December 1, 2022 – Masters Program

Training in December

We know that December is often a tough time to stick to your fitness routine. While there might be a lot of new year’s resolutions starting in a month, we want you to make the most of December and not forfeit 1/12 of your year. How can you do this? First, figure out your fitness priorities so you can make each training day successful while still navigating a busy December schedule. 
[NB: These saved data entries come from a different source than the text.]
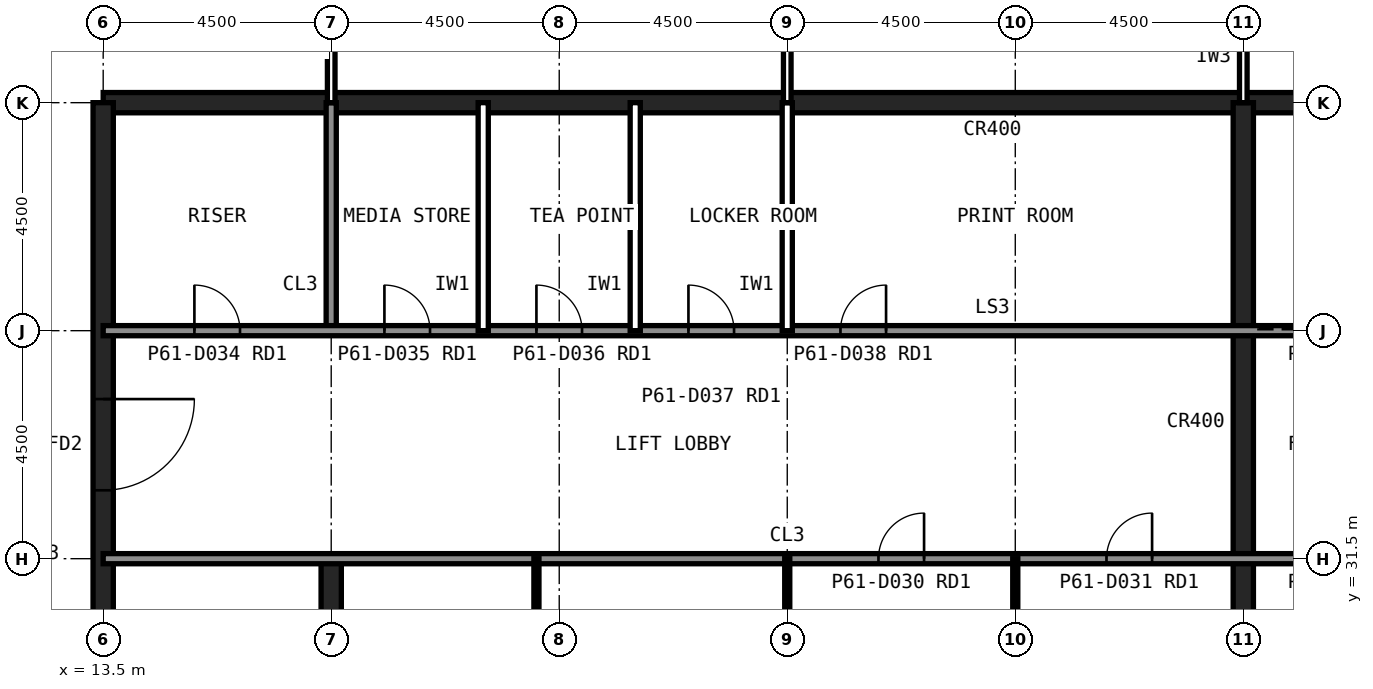
"""IFC4 building model, lengths in metres.
Left out: names, types, materials, properties, quantities, classifications, styles, units other than length and angle.
Written with IfcOpenShell. Run it as: python <this file> out.ifc"""

import sys

from ifc_helpers import new_model, si_unit, direction, frame, frame_2d, origin, place, context, subcontext, project, spatial, rectangle, extrude, element, fill, save


model = new_model("IFC4")
c1 = context("Model", 3, precision=1e-05, world=origin(), true_north=direction((0.0, 1.0)))
c2 = subcontext(c1, "Body", "Model", "MODEL_VIEW")
j1 = project(units=[si_unit("LENGTHUNIT", "METRE"), si_unit("PLANEANGLEUNIT", "RADIAN")], contexts=[c1])
p1 = place(None, origin())
s1 = spatial("IfcSite", under=j1, at=p1, CompositionType="ELEMENT")
p2 = place(p1, origin())
s2 = spatial("IfcBuilding", under=s1, at=p2, CompositionType="ELEMENT")
p3 = place(p2, frame((0.0, 0.0, 254.6)))
s3 = spatial("IfcBuildingStorey", under=s2, at=p3, CompositionType="ELEMENT", Elevation=254.6)
p4 = place(p3, frame((40.5, 40.5, 0.0), z_axis=(0.0, 0.0, 1.0), x_axis=(-1.0, 0.0, 0.0)))
e1 = element("IfcWall", 1, at=p4, inside=s3, PredefinedType="SHEAR", context=c2, shape_type="SweptSolid", body=[
    extrude(rectangle(XDim=27.0, YDim=0.4, at=frame_2d((13.5, 0.0))), origin(), (0.0, 0.0, 1.0), 4.0),
])
p5 = place(p3, frame((13.5, 40.5, 0.0), z_axis=(0.0, 0.0, 1.0), x_axis=(0.0, -1.0, 0.0)))
e2 = element("IfcWall", 2, at=p5, inside=s3, PredefinedType="SHEAR", context=c2, shape_type="SweptSolid", body=[
    extrude(rectangle(XDim=27.0, YDim=0.4, at=frame_2d((13.5, 0.0))), origin(), (0.0, 0.0, 1.0), 4.0),
])
p6 = place(p5, frame((19.65, 0.0, 0.0)))
e3 = element("IfcOpeningElement", 3, at=p6, cuts=e2, PredefinedType="OPENING", context=c2, shape_type="SweptSolid", body=[
    extrude(rectangle(XDim=1.2, YDim=2.1, at=frame_2d((0.6, 1.05))), frame((0.0, 0.21, 0.0), z_axis=(0.0, -1.0, 0.0), x_axis=(1.0, 0.0, 0.0)), (0.0, 0.0, 1.0), 0.42),
])
p7 = place(p5, frame((5.85, 0.0, 0.0)))
e4 = element("IfcOpeningElement", 4, at=p7, cuts=e2, PredefinedType="OPENING", context=c2, shape_type="SweptSolid", body=[
    extrude(rectangle(XDim=1.8, YDim=2.1, at=frame_2d((0.9, 1.05))), frame((0.0, 0.21, 0.0), z_axis=(0.0, -1.0, 0.0), x_axis=(1.0, 0.0, 0.0)), (0.0, 0.0, 1.0), 0.42),
])
p8 = place(p3, frame((18.0, 13.5, 0.0), z_axis=(0.0, 0.0, 1.0), x_axis=(0.0, 1.0, 0.0)))
e5 = element("IfcWall", 5, at=p8, inside=s3, PredefinedType="SHEAR", context=c2, shape_type="SweptSolid", body=[
    extrude(rectangle(XDim=18.0, YDim=0.4, at=frame_2d((9.0, 0.0))), origin(), (0.0, 0.0, 1.0), 4.0),
])
p9 = place(p3, frame((18.0, 36.0, 0.0), z_axis=(0.0, 0.0, 1.0), x_axis=(0.0, 1.0, 0.0)))
e6 = element("IfcWall", 6, at=p9, inside=s3, PredefinedType="SOLIDWALL", context=c2, shape_type="SweptSolid", body=[
    extrude(rectangle(XDim=4.5, YDim=0.2, at=frame_2d((2.25, 0.0))), origin(), (0.0, 0.0, 1.0), 3.84),
])
p10 = place(p3, frame((36.0, 22.5, 0.0), z_axis=(0.0, 0.0, 1.0), x_axis=(0.0, 1.0, 0.0)))
e7 = element("IfcWall", 7, at=p10, inside=s3, PredefinedType="SHEAR", context=c2, shape_type="SweptSolid", body=[
    extrude(rectangle(XDim=18.0, YDim=0.4, at=frame_2d((9.0, 0.0))), origin(), (0.0, 0.0, 1.0), 4.0),
])
p11 = place(p3, frame((13.5, 36.0, 0.0), z_axis=(0.0, 0.0, 1.0), x_axis=(1.0, 0.0, 0.0)))
e8 = element("IfcWall", 8, at=p11, inside=s3, PredefinedType="SOLIDWALL", context=c2, shape_type="SweptSolid", body=[
    extrude(rectangle(XDim=27.0, YDim=0.2, at=frame_2d((13.5, 0.0))), origin(), (0.0, 0.0, 1.0), 3.84),
])
p12 = place(p11, frame((1.8, 0.0, 0.0)))
e9 = element("IfcOpeningElement", 9, at=p12, cuts=e8, PredefinedType="OPENING", context=c2, shape_type="SweptSolid", body=[
    extrude(rectangle(XDim=0.9, YDim=2.1, at=frame_2d((0.45, 1.05))), frame((0.0, 0.11, 0.0), z_axis=(0.0, -1.0, 0.0), x_axis=(1.0, 0.0, 0.0)), (0.0, 0.0, 1.0), 0.22),
])
p13 = place(p11, frame((5.55, 0.0, 0.0)))
e10 = element("IfcOpeningElement", 10, at=p13, cuts=e8, PredefinedType="OPENING", context=c2, shape_type="SweptSolid", body=[
    extrude(rectangle(XDim=0.9, YDim=2.1, at=frame_2d((0.45, 1.05))), frame((0.0, 0.11, 0.0), z_axis=(0.0, -1.0, 0.0), x_axis=(1.0, 0.0, 0.0)), (0.0, 0.0, 1.0), 0.22),
])
p14 = place(p11, frame((14.55, 0.0, 0.0)))
e11 = element("IfcOpeningElement", 11, at=p14, cuts=e8, PredefinedType="OPENING", context=c2, shape_type="SweptSolid", body=[
    extrude(rectangle(XDim=0.9, YDim=2.1, at=frame_2d((0.45, 1.05))), frame((0.0, 0.11, 0.0), z_axis=(0.0, -1.0, 0.0), x_axis=(1.0, 0.0, 0.0)), (0.0, 0.0, 1.0), 0.22),
])
p15 = place(p11, frame((17.55, 0.0, 0.0)))
e12 = element("IfcOpeningElement", 12, at=p15, cuts=e8, PredefinedType="OPENING", context=c2, shape_type="SweptSolid", body=[
    extrude(rectangle(XDim=0.9, YDim=2.1, at=frame_2d((0.45, 1.05))), frame((0.0, 0.11, 0.0), z_axis=(0.0, -1.0, 0.0), x_axis=(1.0, 0.0, 0.0)), (0.0, 0.0, 1.0), 0.22),
])
p16 = place(p11, frame((24.1, 0.0, 0.0)))
e13 = element("IfcOpeningElement", 13, at=p16, cuts=e8, PredefinedType="OPENING", context=c2, shape_type="SweptSolid", body=[
    extrude(rectangle(XDim=1.3, YDim=2.2, at=frame_2d((0.65, 1.1))), frame((0.0, 0.11, 0.0), z_axis=(0.0, -1.0, 0.0), x_axis=(1.0, 0.0, 0.0)), (0.0, 0.0, 1.0), 0.22),
])
p17 = place(p3, frame((13.5, 31.5, 0.0), z_axis=(0.0, 0.0, 1.0), x_axis=(1.0, 0.0, 0.0)))
e14 = element("IfcWall", 14, at=p17, inside=s3, PredefinedType="SOLIDWALL", context=c2, shape_type="SweptSolid", body=[
    extrude(rectangle(XDim=27.0, YDim=0.2, at=frame_2d((13.5, 0.0))), origin(), (0.0, 0.0, 1.0), 3.84),
])
p18 = place(p17, frame((24.15, 0.0, 0.0)))
e15 = element("IfcOpeningElement", 15, at=p18, cuts=e14, PredefinedType="OPENING", context=c2, shape_type="SweptSolid", body=[
    extrude(rectangle(XDim=1.2, YDim=2.1, at=frame_2d((0.6, 1.05))), frame((0.0, 0.11, 0.0), z_axis=(0.0, -1.0, 0.0), x_axis=(1.0, 0.0, 0.0)), (0.0, 0.0, 1.0), 0.22),
])
p19 = place(p17, frame((15.3, 0.0, 0.0)))
e16 = element("IfcOpeningElement", 16, at=p19, cuts=e14, PredefinedType="OPENING", context=c2, shape_type="SweptSolid", body=[
    extrude(rectangle(XDim=0.9, YDim=2.1, at=frame_2d((0.45, 1.05))), frame((0.0, 0.11, 0.0), z_axis=(0.0, -1.0, 0.0), x_axis=(1.0, 0.0, 0.0)), (0.0, 0.0, 1.0), 0.22),
])
p20 = place(p17, frame((19.8, 0.0, 0.0)))
e17 = element("IfcOpeningElement", 17, at=p20, cuts=e14, PredefinedType="OPENING", context=c2, shape_type="SweptSolid", body=[
    extrude(rectangle(XDim=0.9, YDim=2.1, at=frame_2d((0.45, 1.05))), frame((0.0, 0.11, 0.0), z_axis=(0.0, -1.0, 0.0), x_axis=(1.0, 0.0, 0.0)), (0.0, 0.0, 1.0), 0.22),
])
for number, where, z_axis, x_axis in (
    (18, (27.0, 36.0, 0.0), (0.0, 0.0, 1.0), (0.0, 1.0, 0.0)),
    (19, (30.0, 36.0, 0.0), (0.0, 0.0, 1.0), (0.0, 1.0, 0.0)),
):
    element("IfcWall", number, at=place(p3, frame(where, z_axis=z_axis, x_axis=x_axis)), inside=s3, PredefinedType="PARTITIONING", context=c2, shape_type="SweptSolid", body=[
        extrude(rectangle(XDim=4.5, YDim=0.2, at=frame_2d((2.25, 0.0))), origin(), (0.0, 0.0, 1.0), 3.84),
    ])
for number, where, z_axis, x_axis in (
    (20, (22.05, 22.5, 0.0), (0.0, 0.0, 1.0), (0.0, 1.0, 0.0)),
    (21, (27.0, 22.5, 0.0), (0.0, 0.0, 1.0), (0.0, 1.0, 0.0)),
    (22, (31.5, 22.5, 0.0), (0.0, 0.0, 1.0), (0.0, 1.0, 0.0)),
):
    element("IfcWall", number, at=place(p3, frame(where, z_axis=z_axis, x_axis=x_axis)), inside=s3, PredefinedType="PLUMBINGWALL", context=c2, shape_type="SweptSolid", body=[
        extrude(rectangle(XDim=9.0, YDim=0.1, at=frame_2d((4.5, 0.0))), origin(), (0.0, 0.0, 1.0), 3.84),
    ])
p21 = place(p3, frame((27.0, 40.5, 0.0), z_axis=(0.0, 0.0, 1.0), x_axis=(0.0, 1.0, 0.0)))
e23 = element("IfcWall", 23, at=p21, inside=s3, PredefinedType="PARTITIONING", context=c2, shape_type="SweptSolid", body=[
    extrude(rectangle(XDim=6.75, YDim=0.15, at=frame_2d((3.375, 0.0))), origin(), (0.0, 0.0, 1.0), 2.989),
])
p22 = place(p3, frame((18.0, 47.25, 0.0), z_axis=(0.0, 0.0, 1.0), x_axis=(0.0, -1.0, 0.0)))
e24 = element("IfcWall", 24, at=p22, inside=s3, PredefinedType="PARTITIONING", context=c2, shape_type="SweptSolid", body=[
    extrude(rectangle(XDim=6.75, YDim=0.15, at=frame_2d((3.375, 0.0))), origin(), (0.0, 0.0, 1.0), 2.989),
])
p23 = place(p22, frame((2.875, 0.0, 0.0)))
e25 = element("IfcOpeningElement", 25, at=p23, cuts=e24, PredefinedType="OPENING", context=c2, shape_type="SweptSolid", body=[
    extrude(rectangle(XDim=1.0, YDim=2.1, at=frame_2d((0.5, 1.05))), frame((0.0, 0.085, 0.0), z_axis=(0.0, -1.0, 0.0), x_axis=(1.0, 0.0, 0.0)), (0.0, 0.0, 1.0), 0.17),
])
p24 = place(p3, frame((36.0, 40.5, 0.0), z_axis=(0.0, 0.0, 1.0), x_axis=(0.0, 1.0, 0.0)))
e26 = element("IfcWall", 26, at=p24, inside=s3, PredefinedType="PARTITIONING", context=c2, shape_type="SweptSolid", body=[
    extrude(rectangle(XDim=4.5, YDim=0.15, at=frame_2d((2.25, 0.0))), origin(), (0.0, 0.0, 1.0), 2.989),
])
p25 = place(p24, frame((1.75, 0.0, 0.0)))
e27 = element("IfcOpeningElement", 27, at=p25, cuts=e26, PredefinedType="OPENING", context=c2, shape_type="SweptSolid", body=[
    extrude(rectangle(XDim=1.0, YDim=2.1, at=frame_2d((0.5, 1.05))), frame((0.0, 0.085, 0.0), z_axis=(0.0, -1.0, 0.0), x_axis=(1.0, 0.0, 0.0)), (0.0, 0.0, 1.0), 0.17),
])
p26 = place(p7, origin())
e28 = element("IfcDoor", 28, at=p26, inside=s3, OperationType="SINGLE_SWING_LEFT", PredefinedType="DOOR", context=c2, shape_type="SweptSolid", body=[
    extrude(rectangle(XDim=1.8, YDim=2.1, at=frame_2d((0.9, 1.05))), frame((0.0, 0.025, 0.0), z_axis=(0.0, -1.0, 0.0), x_axis=(1.0, 0.0, 0.0)), (0.0, 0.0, 1.0), 0.05),
])
fill(e4, e28)
p27 = place(p19, origin())
e29 = element("IfcDoor", 29, at=p27, inside=s3, OperationType="SINGLE_SWING_RIGHT", PredefinedType="DOOR", context=c2, shape_type="SweptSolid", body=[
    extrude(rectangle(XDim=0.9, YDim=2.1, at=frame_2d((0.45, 1.05))), frame((0.0, 0.025, 0.0), z_axis=(0.0, -1.0, 0.0), x_axis=(1.0, 0.0, 0.0)), (0.0, 0.0, 1.0), 0.05),
])
fill(e16, e29)
p28 = place(p20, origin())
e30 = element("IfcDoor", 30, at=p28, inside=s3, OperationType="SINGLE_SWING_RIGHT", PredefinedType="DOOR", context=c2, shape_type="SweptSolid", body=[
    extrude(rectangle(XDim=0.9, YDim=2.1, at=frame_2d((0.45, 1.05))), frame((0.0, 0.025, 0.0), z_axis=(0.0, -1.0, 0.0), x_axis=(1.0, 0.0, 0.0)), (0.0, 0.0, 1.0), 0.05),
])
fill(e17, e30)
p29 = place(p12, origin())
e31 = element("IfcDoor", 31, at=p29, inside=s3, OperationType="SINGLE_SWING_LEFT", PredefinedType="DOOR", context=c2, shape_type="SweptSolid", body=[
    extrude(rectangle(XDim=0.9, YDim=2.1, at=frame_2d((0.45, 1.05))), frame((0.0, 0.025, 0.0), z_axis=(0.0, -1.0, 0.0), x_axis=(1.0, 0.0, 0.0)), (0.0, 0.0, 1.0), 0.05),
])
fill(e9, e31)
p30 = place(p13, origin())
e32 = element("IfcDoor", 32, at=p30, inside=s3, OperationType="SINGLE_SWING_LEFT", PredefinedType="DOOR", context=c2, shape_type="SweptSolid", body=[
    extrude(rectangle(XDim=0.9, YDim=2.1, at=frame_2d((0.45, 1.05))), frame((0.0, 0.025, 0.0), z_axis=(0.0, -1.0, 0.0), x_axis=(1.0, 0.0, 0.0)), (0.0, 0.0, 1.0), 0.05),
])
fill(e10, e32)
p31 = place(p14, origin())
e33 = element("IfcDoor", 33, at=p31, inside=s3, OperationType="SINGLE_SWING_RIGHT", PredefinedType="DOOR", context=c2, shape_type="SweptSolid", body=[
    extrude(rectangle(XDim=0.9, YDim=2.1, at=frame_2d((0.45, 1.05))), frame((0.0, 0.025, 0.0), z_axis=(0.0, -1.0, 0.0), x_axis=(1.0, 0.0, 0.0)), (0.0, 0.0, 1.0), 0.05),
])
fill(e11, e33)
p32 = place(p15, origin())
e34 = element("IfcDoor", 34, at=p32, inside=s3, OperationType="SINGLE_SWING_RIGHT", PredefinedType="DOOR", context=c2, shape_type="SweptSolid", body=[
    extrude(rectangle(XDim=0.9, YDim=2.1, at=frame_2d((0.45, 1.05))), frame((0.0, 0.025, 0.0), z_axis=(0.0, -1.0, 0.0), x_axis=(1.0, 0.0, 0.0)), (0.0, 0.0, 1.0), 0.05),
])
fill(e12, e34)
save(model, sys.argv[1])

We are currently in the final 4-5 weeks of the cycle and some may stress about getting to every portion of every training day. We understand, though, that many may end up being short on time and not be able to get to all of the training listed in the program (kids are out of school, family is in town, traveling, etc). Those days do not have to be thought of as failures for your training. We just have to shift focus.  If or when that happens, just know your plan and how to make the most of your time that you have in the gym. Here are our suggestions for how to shift your focus if you find you are short on time for training: 

Step 1: Figure out what you need to work on most for the next season. This should be something that takes time for you to improve. So if you need to get stronger, prioritize the lifts. This will ensure you are getting this extra month of training on your strength. If it is your cardio that is a struggle then commit to certain progressions we are doing for Assault bike or Rowing or something similar. (Often found in the Invictus Athlete or Masters program) 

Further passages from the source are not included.